In October and November, Voices on Addiction is partnering with Kitchen Table Literary Arts and its creator, Sheree Greer.
Sheree L. Greer founded Kitchen Table Literary Arts (KTLA) in 2014. Having relocated to Tampa Bay after graduate school in Chicago, Sheree was looking for community, namely a community of BIPOC women and femme-identified queer writers who were committed to craft and supporting each other’s work. When she couldn’t find that specific community, she decided to create it. Born from informal writing meetups on her front porch, a local taco spot, and public libraries, KTLA became a literary arts organization dedicated to supporting and showcasing BIPOC women and femme-identified nonbinary writers in and around Tampa Bay. KTLA Arts is built upon the tradition and legacy of Kitchen Table Press, founded in 1980 by Barbara Smith, Cherríe Moraga, and Hattie Gosett. The tradition of creating and holding space for historically resilient but marginalized voices is at the core of KTLA’s work.
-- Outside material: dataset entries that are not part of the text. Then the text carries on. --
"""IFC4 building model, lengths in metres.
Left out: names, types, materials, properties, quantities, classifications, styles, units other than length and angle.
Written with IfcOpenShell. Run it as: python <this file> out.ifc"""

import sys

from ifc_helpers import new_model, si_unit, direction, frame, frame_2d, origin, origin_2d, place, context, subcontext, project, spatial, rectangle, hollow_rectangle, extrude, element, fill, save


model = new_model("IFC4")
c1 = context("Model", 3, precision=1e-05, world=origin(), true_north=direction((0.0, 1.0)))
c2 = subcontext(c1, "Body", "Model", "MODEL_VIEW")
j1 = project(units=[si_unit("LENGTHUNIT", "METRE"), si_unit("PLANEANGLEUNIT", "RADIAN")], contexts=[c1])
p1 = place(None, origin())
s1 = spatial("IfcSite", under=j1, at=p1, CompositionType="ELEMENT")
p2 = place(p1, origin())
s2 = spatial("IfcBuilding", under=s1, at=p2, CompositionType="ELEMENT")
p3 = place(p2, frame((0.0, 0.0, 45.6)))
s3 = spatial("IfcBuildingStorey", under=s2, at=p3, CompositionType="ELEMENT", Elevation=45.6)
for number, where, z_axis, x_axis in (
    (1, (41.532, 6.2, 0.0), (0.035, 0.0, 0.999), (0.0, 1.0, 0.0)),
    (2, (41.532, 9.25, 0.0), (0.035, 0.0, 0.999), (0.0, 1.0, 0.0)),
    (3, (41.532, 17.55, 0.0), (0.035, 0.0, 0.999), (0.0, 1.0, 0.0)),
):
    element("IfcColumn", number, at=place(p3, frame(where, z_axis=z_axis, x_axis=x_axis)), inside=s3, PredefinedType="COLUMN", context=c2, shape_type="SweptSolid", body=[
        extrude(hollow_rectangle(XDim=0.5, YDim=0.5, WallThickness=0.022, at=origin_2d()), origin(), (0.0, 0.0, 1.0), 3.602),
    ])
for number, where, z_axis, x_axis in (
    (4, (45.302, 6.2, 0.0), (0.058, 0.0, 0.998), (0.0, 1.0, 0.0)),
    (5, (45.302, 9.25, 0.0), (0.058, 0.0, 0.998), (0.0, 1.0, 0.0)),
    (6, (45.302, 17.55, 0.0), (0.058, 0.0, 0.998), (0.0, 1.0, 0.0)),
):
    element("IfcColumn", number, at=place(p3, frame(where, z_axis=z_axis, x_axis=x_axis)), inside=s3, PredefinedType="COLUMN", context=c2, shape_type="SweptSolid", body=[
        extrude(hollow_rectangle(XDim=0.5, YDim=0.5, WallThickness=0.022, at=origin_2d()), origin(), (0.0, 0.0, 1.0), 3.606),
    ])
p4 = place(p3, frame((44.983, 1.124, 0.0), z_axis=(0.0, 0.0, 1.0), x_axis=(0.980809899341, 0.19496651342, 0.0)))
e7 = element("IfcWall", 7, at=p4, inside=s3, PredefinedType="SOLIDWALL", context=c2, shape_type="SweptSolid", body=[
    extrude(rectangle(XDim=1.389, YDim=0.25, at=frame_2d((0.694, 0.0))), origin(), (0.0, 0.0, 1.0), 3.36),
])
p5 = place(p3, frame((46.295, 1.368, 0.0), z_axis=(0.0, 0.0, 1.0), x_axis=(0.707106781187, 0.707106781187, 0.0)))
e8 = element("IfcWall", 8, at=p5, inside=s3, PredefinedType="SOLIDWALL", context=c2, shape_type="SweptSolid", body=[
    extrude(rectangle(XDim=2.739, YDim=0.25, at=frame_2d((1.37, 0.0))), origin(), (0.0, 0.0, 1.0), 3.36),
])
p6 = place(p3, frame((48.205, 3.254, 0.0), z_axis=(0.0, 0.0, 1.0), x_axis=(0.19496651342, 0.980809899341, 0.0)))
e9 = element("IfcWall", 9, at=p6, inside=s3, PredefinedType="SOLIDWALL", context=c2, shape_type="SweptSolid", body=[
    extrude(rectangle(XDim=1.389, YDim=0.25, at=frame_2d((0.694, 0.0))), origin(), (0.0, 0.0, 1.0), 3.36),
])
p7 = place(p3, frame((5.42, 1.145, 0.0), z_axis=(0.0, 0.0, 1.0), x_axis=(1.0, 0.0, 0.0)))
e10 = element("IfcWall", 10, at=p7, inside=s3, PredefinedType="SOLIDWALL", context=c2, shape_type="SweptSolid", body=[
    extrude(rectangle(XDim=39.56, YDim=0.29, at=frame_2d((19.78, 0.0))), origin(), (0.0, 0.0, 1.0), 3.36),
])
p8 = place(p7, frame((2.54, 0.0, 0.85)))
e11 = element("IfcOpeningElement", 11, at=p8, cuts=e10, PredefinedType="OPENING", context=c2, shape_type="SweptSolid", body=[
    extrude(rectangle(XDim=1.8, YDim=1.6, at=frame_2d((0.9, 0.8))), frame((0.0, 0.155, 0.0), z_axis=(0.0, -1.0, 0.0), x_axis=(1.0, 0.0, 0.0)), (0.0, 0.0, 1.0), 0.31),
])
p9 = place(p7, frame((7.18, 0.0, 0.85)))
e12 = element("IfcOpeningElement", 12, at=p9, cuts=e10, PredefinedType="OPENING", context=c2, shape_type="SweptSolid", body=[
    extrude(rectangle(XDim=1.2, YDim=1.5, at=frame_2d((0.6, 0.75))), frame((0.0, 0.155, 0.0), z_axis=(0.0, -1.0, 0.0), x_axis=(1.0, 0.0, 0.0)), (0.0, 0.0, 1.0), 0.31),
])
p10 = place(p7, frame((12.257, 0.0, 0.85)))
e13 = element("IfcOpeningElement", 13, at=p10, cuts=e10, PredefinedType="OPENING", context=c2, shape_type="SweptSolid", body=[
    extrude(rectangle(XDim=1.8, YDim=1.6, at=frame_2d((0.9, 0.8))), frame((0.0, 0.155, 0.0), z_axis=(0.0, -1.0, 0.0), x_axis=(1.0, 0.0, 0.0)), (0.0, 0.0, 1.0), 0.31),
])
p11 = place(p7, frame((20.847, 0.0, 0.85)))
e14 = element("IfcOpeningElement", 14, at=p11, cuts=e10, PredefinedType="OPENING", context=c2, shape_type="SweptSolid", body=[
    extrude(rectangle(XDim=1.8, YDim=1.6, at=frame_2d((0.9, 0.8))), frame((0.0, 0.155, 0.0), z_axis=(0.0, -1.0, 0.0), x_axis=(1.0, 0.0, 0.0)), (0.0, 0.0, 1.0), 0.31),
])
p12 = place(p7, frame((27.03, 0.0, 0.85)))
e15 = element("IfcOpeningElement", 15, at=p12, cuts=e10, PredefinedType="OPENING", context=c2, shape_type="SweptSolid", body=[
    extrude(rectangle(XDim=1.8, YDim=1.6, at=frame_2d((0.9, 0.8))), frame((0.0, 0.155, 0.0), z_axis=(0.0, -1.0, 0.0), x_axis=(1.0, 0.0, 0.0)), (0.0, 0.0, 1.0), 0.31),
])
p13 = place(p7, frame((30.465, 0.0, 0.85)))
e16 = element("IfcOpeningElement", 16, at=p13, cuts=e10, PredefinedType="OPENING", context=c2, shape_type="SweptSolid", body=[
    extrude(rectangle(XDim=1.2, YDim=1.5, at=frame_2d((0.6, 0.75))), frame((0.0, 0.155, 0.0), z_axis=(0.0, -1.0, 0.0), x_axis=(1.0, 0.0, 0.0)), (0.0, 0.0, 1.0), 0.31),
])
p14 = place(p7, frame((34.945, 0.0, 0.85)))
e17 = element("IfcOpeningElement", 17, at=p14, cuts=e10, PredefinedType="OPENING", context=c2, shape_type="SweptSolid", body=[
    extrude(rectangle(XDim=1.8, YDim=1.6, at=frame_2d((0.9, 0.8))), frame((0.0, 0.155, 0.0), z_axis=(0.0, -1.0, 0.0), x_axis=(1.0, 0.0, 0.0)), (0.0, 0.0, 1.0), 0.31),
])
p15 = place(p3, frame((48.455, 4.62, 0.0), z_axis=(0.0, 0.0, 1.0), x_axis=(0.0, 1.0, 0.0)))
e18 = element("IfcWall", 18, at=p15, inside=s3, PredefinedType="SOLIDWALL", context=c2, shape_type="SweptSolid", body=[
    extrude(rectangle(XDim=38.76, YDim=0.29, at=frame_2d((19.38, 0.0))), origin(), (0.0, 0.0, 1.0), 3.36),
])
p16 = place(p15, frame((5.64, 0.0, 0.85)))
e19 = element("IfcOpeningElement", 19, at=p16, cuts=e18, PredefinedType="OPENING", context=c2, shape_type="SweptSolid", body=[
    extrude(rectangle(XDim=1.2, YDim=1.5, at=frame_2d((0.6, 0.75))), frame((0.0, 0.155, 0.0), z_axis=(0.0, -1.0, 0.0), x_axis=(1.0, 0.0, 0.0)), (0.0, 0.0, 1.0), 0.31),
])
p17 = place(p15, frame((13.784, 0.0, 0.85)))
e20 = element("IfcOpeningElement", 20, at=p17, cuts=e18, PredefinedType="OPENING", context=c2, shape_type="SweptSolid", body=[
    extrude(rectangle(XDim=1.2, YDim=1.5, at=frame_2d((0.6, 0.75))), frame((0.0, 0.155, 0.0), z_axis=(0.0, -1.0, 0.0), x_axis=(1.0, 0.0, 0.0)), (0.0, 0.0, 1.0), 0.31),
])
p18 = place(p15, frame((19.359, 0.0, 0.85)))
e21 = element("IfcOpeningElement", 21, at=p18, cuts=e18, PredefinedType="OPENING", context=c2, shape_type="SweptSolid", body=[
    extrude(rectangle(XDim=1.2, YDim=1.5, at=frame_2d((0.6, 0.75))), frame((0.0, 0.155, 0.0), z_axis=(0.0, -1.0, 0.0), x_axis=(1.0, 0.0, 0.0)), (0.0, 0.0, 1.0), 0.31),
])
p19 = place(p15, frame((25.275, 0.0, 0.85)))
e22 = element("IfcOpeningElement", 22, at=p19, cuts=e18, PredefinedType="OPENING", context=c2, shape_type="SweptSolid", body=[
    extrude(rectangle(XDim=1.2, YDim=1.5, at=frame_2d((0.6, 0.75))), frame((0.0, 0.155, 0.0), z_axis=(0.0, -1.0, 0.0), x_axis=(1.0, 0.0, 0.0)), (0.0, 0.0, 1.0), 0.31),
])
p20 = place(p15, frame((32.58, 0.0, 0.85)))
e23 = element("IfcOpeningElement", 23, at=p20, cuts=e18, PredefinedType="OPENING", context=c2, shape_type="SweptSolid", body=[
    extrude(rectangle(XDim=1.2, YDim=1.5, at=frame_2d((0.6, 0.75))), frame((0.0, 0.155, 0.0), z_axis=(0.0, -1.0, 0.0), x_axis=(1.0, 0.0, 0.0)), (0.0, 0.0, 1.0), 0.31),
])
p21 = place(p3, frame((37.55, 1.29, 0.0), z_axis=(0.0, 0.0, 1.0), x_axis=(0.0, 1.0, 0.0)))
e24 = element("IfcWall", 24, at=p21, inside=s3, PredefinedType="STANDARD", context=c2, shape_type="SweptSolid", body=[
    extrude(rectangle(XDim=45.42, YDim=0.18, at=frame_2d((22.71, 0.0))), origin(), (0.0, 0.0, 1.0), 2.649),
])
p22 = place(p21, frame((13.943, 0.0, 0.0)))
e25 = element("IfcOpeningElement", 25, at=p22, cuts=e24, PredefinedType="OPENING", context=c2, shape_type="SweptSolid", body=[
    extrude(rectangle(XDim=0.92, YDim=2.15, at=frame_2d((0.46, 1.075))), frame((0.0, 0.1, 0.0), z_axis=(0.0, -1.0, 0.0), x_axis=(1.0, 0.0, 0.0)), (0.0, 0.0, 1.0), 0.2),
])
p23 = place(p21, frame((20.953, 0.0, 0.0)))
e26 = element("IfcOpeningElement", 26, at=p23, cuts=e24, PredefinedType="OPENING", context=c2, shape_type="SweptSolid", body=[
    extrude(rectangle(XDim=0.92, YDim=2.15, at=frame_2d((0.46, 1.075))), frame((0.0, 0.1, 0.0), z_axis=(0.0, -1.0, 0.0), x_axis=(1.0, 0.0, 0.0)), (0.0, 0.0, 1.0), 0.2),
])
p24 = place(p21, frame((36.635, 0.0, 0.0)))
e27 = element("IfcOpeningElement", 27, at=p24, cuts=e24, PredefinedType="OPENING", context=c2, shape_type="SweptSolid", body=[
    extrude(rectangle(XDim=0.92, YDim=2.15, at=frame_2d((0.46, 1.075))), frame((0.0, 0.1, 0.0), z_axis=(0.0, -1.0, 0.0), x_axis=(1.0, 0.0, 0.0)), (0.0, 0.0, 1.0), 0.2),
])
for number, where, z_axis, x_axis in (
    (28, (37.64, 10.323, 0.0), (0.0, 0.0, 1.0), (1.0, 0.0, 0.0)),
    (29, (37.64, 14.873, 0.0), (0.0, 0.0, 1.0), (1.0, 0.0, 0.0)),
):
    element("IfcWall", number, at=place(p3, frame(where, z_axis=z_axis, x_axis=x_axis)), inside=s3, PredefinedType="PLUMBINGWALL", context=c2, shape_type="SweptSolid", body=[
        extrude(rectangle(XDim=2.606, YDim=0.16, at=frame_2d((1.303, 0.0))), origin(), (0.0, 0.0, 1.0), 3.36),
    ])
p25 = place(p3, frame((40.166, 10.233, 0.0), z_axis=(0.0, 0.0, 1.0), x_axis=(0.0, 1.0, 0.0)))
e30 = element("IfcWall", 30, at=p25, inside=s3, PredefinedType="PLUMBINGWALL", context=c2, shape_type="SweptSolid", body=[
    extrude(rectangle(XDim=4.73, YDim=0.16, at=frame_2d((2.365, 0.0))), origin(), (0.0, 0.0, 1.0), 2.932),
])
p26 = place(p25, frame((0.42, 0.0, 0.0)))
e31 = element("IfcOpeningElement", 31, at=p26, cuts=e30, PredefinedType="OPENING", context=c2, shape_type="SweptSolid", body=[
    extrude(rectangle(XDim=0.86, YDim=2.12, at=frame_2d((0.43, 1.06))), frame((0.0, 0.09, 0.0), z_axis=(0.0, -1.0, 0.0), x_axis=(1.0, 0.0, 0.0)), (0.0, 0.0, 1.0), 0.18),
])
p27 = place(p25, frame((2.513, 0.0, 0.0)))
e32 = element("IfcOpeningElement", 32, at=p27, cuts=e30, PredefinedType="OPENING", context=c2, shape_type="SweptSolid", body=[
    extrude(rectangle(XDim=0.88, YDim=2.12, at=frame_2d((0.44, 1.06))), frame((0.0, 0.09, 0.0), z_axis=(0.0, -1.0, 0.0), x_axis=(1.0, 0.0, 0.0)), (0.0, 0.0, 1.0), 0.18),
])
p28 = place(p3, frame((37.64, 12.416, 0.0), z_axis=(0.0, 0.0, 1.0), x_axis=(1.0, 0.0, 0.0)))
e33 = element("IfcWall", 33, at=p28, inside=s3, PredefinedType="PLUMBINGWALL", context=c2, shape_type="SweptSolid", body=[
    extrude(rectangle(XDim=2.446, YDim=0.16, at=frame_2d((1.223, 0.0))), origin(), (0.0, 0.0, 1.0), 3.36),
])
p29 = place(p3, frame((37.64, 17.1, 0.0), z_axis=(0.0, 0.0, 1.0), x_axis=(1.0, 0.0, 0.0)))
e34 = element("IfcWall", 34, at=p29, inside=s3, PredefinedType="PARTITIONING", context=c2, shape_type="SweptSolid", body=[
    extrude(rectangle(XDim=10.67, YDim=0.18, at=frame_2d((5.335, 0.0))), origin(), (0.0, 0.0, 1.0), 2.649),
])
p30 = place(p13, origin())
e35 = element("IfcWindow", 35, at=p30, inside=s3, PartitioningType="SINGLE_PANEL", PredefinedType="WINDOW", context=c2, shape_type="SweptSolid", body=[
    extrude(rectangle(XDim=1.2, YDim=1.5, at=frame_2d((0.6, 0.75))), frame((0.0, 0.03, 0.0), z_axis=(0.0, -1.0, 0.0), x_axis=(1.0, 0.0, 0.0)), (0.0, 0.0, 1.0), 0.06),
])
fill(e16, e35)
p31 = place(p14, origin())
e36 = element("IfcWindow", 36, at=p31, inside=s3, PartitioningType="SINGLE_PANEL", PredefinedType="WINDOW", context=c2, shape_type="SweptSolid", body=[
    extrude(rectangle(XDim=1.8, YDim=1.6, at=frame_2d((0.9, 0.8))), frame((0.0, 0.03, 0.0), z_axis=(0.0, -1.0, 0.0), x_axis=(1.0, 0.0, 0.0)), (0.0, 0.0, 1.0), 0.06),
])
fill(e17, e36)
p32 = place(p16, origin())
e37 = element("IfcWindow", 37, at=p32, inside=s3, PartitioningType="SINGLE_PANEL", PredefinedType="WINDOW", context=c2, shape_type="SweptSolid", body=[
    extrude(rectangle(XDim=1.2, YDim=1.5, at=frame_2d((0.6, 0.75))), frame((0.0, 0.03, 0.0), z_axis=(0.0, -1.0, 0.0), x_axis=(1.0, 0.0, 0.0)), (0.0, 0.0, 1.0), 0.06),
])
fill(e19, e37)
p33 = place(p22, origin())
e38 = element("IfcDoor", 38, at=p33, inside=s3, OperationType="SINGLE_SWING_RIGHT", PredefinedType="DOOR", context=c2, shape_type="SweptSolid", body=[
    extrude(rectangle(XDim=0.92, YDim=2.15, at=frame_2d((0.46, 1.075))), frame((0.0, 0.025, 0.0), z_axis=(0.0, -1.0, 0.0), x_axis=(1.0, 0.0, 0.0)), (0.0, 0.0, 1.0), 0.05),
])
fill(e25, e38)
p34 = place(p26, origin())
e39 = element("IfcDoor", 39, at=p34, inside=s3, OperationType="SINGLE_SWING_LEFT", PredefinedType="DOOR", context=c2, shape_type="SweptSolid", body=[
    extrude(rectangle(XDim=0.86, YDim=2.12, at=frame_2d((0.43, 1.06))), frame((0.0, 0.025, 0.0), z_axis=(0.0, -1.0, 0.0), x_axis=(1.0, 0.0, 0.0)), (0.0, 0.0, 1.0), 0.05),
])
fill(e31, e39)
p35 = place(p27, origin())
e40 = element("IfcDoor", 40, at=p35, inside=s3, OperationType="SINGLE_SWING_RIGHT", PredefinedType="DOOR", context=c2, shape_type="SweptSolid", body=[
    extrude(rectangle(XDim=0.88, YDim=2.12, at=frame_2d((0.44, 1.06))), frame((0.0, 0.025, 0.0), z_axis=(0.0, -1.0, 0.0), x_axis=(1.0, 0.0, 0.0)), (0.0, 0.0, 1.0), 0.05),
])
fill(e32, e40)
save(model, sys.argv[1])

This year, KTLA celebrates nine years of community-building and support for writers and readers alike, with book clubs, short story clubs, retreats, workshops, and online classes, as well as community partnerships with foster homes, alternative education spaces, and direct service organizations who serve individuals impacted by abuse, poverty, and/or displacement. KTLA is ever committed to amplifying voices and narratives that dismantle preconceived notions of what it means to be a writer and who gets to be a writer, a dedication that ultimately supports BIPOC writers disrupting the status quo in the literary arts space and beyond.
“I promise I’m not trying to die,” I tell my therapist, and she nods.
We both know I’m lying. It’s 2019, and we’re sitting on beanbag chairs on the floor in her Florida office. The room is cozy and dimly lit with rainbow lights. The rug beneath us looks like the galaxy, a mixture of midnight blue, cobalt, and turquoise with scattered stars.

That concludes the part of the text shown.